October 14, 2010

Dian Hanson: To Boldly Go Where No Pornographer Has Gone Before, Part 2

by Cole Riley

The Catbird Seat

Over the course of her impressive career, Hanson has been in a unique position to observe the nuances and expressions of male versus female sexuality. Addressing the lessons learned from pornography about the similarities and differences between the sexes, Dian draws on a career of appealing to the libidos of both via erotic texts and images. “Men are the romantics, even if they combine sex and romance in a way that women often fail to understand,” she notes. “Most women think of romance as cuddling and long walks to the beach. Men think of it as giving a woman the best orgasm of her life.”

Hanson theorizes that on average, males really do have higher sex drives than females because they have more testosterone, the hormone responsible for arousal in both sexes. “Men have a greater capacity for odd, non-procreative sexual fixations, like fetishes and transvestism than women,” she says.



In her experience, Hanson reports that how we relate to the erotic on an emotional and intellectual level really does fall along gender lines. “Women are genuinely aroused by the trappings of wealth and success as much or more than appearance,” she says, “while few men will accept a woman who doesn’t meet up their appearance [criteria]. Men generally respect nude models and porn actresses far more than women believe, and are fully capable of falling in love with them through repeated bouts of masturbating to their images, since sex and love are far more intimately tangled in the male mind than in the female.”

The old adage goes that men are visual and women are cerebral when it comes to sexual stimuli, but recent studies show that women viewing more porn than ever before. Rather than viewing this dichotomy as a contradiction, Hanson sees it more in terms of supply feeding demand. “Though the numbers of women who are wired to be visually responsive to sexual materials are lower than for men, there are still quite a few who respond visually in the same or near same way as men. With porn just a safe discrete mouse click away, these women now have the opportunity to explore and find just what they like.”

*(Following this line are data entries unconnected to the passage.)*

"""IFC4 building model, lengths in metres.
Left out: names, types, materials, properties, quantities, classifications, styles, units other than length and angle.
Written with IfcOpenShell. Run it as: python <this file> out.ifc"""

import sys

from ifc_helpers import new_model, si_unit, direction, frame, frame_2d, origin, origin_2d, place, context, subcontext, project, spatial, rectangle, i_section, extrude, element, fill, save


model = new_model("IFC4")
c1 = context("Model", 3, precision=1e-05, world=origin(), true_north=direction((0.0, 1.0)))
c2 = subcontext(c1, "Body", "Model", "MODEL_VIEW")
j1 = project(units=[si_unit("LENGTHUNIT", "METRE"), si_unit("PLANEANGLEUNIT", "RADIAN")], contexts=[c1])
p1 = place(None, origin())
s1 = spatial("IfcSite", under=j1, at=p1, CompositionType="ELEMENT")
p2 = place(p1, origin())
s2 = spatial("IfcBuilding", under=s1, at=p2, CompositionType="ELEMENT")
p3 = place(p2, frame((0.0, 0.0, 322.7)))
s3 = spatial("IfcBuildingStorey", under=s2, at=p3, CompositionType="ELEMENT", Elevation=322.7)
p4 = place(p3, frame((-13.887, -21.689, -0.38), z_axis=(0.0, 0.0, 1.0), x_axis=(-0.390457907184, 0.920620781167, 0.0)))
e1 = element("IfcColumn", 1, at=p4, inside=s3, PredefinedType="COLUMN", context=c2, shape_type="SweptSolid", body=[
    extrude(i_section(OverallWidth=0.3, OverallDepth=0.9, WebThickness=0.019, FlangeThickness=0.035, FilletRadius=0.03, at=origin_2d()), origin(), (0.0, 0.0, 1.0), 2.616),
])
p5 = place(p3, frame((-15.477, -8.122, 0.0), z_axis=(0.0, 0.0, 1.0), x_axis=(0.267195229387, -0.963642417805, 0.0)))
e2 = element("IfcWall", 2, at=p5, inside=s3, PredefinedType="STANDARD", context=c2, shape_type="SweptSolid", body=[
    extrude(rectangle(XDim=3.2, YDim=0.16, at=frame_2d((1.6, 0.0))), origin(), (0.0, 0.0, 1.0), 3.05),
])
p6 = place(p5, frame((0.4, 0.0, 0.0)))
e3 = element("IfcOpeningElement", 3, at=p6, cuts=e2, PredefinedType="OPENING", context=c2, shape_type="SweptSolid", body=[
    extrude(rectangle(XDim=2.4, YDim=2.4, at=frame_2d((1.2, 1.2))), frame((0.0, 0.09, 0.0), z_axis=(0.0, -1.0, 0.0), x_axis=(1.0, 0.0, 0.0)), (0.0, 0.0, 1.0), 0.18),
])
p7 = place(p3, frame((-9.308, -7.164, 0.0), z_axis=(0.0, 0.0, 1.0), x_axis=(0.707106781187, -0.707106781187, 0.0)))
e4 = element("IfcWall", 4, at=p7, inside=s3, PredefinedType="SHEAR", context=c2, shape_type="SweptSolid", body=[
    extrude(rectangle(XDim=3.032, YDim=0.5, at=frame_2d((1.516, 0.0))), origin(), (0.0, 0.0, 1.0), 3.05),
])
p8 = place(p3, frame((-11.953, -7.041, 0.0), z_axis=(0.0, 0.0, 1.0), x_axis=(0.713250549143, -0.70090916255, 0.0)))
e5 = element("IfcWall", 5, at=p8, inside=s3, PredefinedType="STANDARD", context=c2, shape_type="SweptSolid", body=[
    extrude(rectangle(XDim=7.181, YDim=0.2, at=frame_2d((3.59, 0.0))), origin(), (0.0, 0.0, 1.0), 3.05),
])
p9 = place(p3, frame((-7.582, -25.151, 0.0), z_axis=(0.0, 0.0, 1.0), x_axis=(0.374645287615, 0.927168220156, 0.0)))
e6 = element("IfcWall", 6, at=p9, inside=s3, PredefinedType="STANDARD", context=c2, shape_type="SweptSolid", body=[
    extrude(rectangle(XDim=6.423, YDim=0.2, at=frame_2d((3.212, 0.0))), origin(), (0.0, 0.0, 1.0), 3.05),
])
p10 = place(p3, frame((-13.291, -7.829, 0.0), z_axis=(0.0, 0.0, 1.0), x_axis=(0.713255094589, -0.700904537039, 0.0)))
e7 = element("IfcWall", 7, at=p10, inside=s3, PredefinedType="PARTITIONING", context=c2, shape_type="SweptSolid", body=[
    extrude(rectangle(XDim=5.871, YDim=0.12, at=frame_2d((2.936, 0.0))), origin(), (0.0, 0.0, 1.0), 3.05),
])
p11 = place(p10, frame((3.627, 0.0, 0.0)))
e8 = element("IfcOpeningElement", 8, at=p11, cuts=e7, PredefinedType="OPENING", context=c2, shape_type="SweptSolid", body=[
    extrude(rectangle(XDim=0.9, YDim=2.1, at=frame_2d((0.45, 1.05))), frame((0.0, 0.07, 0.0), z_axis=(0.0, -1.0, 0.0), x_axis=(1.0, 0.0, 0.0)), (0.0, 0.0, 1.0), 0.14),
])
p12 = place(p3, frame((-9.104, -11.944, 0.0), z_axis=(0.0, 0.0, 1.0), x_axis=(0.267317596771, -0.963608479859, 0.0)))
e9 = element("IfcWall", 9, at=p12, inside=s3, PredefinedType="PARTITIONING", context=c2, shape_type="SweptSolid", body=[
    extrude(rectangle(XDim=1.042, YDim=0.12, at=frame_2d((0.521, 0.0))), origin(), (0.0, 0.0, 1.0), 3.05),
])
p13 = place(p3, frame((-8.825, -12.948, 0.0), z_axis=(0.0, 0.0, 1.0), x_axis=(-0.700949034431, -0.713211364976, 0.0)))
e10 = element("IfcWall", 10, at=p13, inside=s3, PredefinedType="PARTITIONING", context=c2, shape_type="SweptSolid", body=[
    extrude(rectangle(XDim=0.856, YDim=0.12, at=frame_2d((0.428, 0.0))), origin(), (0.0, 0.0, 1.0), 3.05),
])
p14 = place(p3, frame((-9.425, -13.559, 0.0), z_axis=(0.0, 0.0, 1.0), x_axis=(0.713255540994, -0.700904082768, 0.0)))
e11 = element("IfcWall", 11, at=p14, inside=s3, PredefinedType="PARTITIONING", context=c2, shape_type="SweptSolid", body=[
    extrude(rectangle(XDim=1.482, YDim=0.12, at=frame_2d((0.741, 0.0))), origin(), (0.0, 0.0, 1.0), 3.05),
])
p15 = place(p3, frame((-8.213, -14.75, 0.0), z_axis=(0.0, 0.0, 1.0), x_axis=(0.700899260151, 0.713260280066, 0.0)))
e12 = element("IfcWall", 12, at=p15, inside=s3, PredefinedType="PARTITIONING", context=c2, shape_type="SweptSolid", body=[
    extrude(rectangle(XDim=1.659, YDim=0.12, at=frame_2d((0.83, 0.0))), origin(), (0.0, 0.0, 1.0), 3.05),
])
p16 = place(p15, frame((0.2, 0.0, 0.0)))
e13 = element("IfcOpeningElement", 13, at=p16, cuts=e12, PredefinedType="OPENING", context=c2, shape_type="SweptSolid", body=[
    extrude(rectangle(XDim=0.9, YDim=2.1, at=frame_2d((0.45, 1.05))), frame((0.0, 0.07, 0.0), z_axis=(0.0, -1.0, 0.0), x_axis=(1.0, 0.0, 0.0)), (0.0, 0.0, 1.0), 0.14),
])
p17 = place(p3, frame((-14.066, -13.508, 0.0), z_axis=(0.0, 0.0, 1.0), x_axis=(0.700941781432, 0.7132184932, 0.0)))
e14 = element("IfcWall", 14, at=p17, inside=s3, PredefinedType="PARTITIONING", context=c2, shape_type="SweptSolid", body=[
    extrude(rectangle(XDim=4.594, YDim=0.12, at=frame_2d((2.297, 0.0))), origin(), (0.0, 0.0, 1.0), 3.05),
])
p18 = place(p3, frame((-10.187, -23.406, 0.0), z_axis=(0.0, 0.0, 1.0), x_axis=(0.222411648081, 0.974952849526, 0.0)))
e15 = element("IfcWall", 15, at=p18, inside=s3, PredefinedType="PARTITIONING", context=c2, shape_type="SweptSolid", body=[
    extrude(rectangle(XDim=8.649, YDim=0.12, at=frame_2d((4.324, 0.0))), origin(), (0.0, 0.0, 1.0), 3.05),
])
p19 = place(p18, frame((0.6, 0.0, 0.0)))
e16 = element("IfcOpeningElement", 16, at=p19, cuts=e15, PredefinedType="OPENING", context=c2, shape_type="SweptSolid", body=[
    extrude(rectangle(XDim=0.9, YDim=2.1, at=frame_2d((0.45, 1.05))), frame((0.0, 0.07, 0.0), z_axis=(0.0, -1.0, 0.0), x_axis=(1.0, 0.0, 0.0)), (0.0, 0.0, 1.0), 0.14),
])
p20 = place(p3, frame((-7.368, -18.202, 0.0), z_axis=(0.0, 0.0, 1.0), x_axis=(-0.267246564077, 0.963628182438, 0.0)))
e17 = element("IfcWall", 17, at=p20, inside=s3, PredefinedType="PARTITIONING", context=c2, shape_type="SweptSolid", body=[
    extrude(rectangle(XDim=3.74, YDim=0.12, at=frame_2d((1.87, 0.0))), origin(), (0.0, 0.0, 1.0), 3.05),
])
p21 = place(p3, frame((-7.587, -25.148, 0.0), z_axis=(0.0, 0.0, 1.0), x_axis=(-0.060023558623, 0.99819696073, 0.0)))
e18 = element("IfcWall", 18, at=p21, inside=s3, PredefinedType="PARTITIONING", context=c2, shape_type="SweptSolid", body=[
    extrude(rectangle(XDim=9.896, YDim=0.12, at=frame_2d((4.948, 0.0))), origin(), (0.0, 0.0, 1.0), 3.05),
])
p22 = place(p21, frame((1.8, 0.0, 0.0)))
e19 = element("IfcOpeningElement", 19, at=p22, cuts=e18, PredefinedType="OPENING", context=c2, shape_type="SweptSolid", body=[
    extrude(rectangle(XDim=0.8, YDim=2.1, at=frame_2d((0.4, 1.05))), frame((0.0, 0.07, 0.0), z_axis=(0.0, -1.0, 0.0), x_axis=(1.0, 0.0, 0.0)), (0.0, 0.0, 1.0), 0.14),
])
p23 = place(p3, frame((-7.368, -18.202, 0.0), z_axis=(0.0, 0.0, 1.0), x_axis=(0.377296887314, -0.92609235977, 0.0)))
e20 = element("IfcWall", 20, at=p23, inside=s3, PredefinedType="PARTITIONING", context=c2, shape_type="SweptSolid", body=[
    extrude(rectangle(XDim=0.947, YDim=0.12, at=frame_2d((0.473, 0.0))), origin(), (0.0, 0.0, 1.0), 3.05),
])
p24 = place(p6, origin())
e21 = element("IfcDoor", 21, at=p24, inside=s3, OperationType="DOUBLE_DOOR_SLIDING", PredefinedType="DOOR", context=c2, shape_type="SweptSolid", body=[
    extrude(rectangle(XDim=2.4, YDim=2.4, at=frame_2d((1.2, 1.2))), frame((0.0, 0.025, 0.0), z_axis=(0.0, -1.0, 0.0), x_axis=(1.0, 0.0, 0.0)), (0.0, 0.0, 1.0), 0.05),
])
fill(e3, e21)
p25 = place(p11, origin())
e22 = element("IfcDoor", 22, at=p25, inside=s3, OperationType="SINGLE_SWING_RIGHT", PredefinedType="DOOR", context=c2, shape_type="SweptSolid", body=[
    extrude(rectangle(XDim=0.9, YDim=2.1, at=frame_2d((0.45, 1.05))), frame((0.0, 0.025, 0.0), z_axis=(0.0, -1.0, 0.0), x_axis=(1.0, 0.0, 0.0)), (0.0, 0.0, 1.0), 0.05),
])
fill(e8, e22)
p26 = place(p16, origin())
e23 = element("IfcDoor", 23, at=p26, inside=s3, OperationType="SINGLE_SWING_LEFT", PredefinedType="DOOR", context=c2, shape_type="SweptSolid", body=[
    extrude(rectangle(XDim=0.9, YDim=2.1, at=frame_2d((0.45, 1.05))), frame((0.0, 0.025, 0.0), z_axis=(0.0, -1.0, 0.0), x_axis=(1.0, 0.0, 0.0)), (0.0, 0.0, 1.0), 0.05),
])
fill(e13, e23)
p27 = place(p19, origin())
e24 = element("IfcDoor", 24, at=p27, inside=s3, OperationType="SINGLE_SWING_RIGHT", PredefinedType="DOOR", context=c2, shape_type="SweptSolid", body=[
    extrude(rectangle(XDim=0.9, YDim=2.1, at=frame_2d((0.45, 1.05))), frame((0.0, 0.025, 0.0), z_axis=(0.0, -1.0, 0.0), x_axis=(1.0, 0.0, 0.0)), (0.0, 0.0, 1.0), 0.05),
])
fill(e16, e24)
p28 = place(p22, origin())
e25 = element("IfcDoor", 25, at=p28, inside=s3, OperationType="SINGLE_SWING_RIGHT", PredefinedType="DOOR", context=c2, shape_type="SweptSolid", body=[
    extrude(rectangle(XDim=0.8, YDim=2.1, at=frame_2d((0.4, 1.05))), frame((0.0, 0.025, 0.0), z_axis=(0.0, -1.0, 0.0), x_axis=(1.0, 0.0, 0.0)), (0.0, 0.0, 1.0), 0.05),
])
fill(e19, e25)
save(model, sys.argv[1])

Unknown, from the Dian Hanson collection, The Big Butt Book (Taschen)

Through her work, Hanson has also had a front row seat for the evolution modern adult media, which she sums up with the term, “The pornification of America.” The current generation, she notes, was raised with porn as an accepted part of life. “Porn has taken a position above ground, where it is now a casual reference in art, literature, and daily commerce,” she says, but frets that this ubiquity has its drawbacks. “The biggest danger I see [with online smut] is that it’s putting many of my friends out of business, and devaluing what used to a precious and scarce commodity. There’s something to be said for having to work for your porn.”



Ultimately, though, sex is everywhere. Efforts to censor porn and deem sex as legally obscene have failed. “Porn has lost much of its stigma,” Hanson concludes, “so more people are piling in, wanting careers, cutting the slices of the pie even thinner—but porn cannot be stopped. It’s way too late.”